So STP draws inspiration from previous shows but is not a direct copy. I have no problems with that. The only questions remains: What style will Worf be when he has a cameo?
 
Yes, that was stupid back then. No, this doesn't excuse it now, especially when it's so much more stupid.

Also, back then, it followed an important storytelling rule: The more impact an event has, the better it needs to be explained.
All the subspace shockwave did was break a coffee cup. Apart from that - the movie would have played out exactly the same if they just saw the explosion through a telescope. But ship shaking is a more dramatic opening. It WAS Kronos moon after all, and that was the only real lasting effect, and that one was well thought out.

But because that shockwave was a detail that had no impact, no body care that it was scientifically bunk.

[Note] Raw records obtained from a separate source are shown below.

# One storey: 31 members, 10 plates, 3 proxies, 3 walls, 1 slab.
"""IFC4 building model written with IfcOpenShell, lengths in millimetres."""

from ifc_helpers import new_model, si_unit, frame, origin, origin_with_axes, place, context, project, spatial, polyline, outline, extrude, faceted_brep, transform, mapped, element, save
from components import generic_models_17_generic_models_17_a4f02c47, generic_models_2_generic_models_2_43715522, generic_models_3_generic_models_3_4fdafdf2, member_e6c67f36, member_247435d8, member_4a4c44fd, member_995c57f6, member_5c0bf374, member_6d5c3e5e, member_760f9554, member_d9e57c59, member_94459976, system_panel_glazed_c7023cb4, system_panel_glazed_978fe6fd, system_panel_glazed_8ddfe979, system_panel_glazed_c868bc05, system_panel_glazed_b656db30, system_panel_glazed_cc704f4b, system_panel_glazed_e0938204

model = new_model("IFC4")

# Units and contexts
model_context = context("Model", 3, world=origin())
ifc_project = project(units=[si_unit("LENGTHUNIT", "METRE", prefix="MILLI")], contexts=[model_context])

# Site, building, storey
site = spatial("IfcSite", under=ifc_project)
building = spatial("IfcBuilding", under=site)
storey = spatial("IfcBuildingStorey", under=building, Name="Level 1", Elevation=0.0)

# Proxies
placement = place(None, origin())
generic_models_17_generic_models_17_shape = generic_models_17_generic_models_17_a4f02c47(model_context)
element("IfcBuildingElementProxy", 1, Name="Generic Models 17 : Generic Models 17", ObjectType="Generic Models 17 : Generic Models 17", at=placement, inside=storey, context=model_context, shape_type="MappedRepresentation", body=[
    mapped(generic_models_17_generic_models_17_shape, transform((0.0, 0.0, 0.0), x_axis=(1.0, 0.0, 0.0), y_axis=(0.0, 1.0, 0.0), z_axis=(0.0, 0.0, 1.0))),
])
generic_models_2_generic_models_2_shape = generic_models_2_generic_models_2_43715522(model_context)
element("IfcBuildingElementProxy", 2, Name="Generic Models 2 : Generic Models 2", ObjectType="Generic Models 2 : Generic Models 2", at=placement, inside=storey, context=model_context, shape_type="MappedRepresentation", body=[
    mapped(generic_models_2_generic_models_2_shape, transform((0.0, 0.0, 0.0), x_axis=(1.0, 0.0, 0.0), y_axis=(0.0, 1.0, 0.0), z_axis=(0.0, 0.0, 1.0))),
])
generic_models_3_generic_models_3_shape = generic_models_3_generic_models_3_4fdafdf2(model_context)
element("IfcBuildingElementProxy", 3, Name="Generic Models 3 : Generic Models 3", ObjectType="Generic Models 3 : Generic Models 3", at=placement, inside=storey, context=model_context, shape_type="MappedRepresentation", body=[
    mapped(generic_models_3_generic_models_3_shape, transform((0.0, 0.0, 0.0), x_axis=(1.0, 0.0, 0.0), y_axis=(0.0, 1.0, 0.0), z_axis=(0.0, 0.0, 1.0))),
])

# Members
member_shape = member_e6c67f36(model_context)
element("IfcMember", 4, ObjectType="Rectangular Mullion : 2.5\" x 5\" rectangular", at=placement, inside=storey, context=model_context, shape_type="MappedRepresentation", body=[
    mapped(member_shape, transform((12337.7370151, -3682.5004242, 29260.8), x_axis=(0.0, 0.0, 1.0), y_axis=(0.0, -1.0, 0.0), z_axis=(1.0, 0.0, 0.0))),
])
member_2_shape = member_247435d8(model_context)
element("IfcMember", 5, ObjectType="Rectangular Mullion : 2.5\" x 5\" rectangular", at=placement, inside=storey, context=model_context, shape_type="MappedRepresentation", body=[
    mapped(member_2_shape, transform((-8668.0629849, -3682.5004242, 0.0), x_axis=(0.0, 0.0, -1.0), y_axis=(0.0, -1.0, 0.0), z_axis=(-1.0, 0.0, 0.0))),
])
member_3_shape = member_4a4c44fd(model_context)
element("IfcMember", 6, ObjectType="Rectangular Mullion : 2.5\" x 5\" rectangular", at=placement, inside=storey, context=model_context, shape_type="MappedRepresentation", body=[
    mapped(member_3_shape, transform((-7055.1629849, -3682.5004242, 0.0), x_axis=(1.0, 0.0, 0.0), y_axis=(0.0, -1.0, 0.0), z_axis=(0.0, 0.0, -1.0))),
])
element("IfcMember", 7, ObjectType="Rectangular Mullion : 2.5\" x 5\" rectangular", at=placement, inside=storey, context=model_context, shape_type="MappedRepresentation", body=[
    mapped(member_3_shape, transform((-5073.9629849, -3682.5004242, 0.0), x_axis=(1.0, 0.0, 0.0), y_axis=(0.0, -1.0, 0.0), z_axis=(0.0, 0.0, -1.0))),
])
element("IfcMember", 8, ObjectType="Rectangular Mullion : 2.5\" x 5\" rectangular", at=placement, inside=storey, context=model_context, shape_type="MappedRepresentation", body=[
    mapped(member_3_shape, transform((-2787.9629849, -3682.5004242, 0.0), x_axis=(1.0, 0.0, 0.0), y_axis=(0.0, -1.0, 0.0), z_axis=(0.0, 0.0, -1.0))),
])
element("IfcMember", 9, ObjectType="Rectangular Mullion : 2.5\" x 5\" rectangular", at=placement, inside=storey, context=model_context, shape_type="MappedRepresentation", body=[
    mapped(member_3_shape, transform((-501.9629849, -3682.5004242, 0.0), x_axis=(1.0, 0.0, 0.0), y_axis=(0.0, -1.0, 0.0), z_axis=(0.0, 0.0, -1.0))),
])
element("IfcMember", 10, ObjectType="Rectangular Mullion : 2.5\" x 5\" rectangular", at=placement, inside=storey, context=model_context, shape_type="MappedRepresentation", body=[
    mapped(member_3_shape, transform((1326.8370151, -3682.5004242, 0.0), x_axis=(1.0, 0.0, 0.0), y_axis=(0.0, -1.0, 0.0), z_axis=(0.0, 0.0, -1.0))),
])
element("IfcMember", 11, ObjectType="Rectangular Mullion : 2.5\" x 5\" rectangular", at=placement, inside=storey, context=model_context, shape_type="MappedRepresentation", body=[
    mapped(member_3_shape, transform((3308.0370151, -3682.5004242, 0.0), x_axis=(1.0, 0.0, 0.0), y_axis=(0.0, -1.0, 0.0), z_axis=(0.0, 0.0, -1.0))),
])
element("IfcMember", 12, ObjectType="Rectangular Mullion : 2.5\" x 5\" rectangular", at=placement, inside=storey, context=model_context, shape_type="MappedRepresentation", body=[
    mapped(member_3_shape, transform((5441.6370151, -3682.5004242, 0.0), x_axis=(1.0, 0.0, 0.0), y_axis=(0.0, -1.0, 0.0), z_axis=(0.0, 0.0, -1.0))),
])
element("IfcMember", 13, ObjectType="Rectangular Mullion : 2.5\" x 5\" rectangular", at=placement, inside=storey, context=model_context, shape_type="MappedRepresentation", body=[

But just imagine, of the subspace shockwave suddenly completely destroyed Earth? People would flip their shit! How the fuck that's even possible, and that it makes no fucking sense for such a large scale event to ever happen this way! Even though the bunk science would be the same.

Well. The same holds true for Romulus. If it were just a minor bit, people wouldn't take the science so serious. But having the biggest, universe-changing event happen so completely randomly for such utterly ducking stupid, inconsistent crap reasons, does affect story immersion.
A 10-part series would be the ideal time to squeeze in a 5-minute wall of technobabble which will presumably make the magic boom-boom okay to people who need more than it just being a magic boom-boom.
 
A 10-part series would be the ideal time to squeeze in a 5-minute wall of technobabble which will presumably make the magic boom-boom okay to people who need more than it just being a magic boom-boom.

Which would still be less than ideal... but necessary if they chose to continue the way they do.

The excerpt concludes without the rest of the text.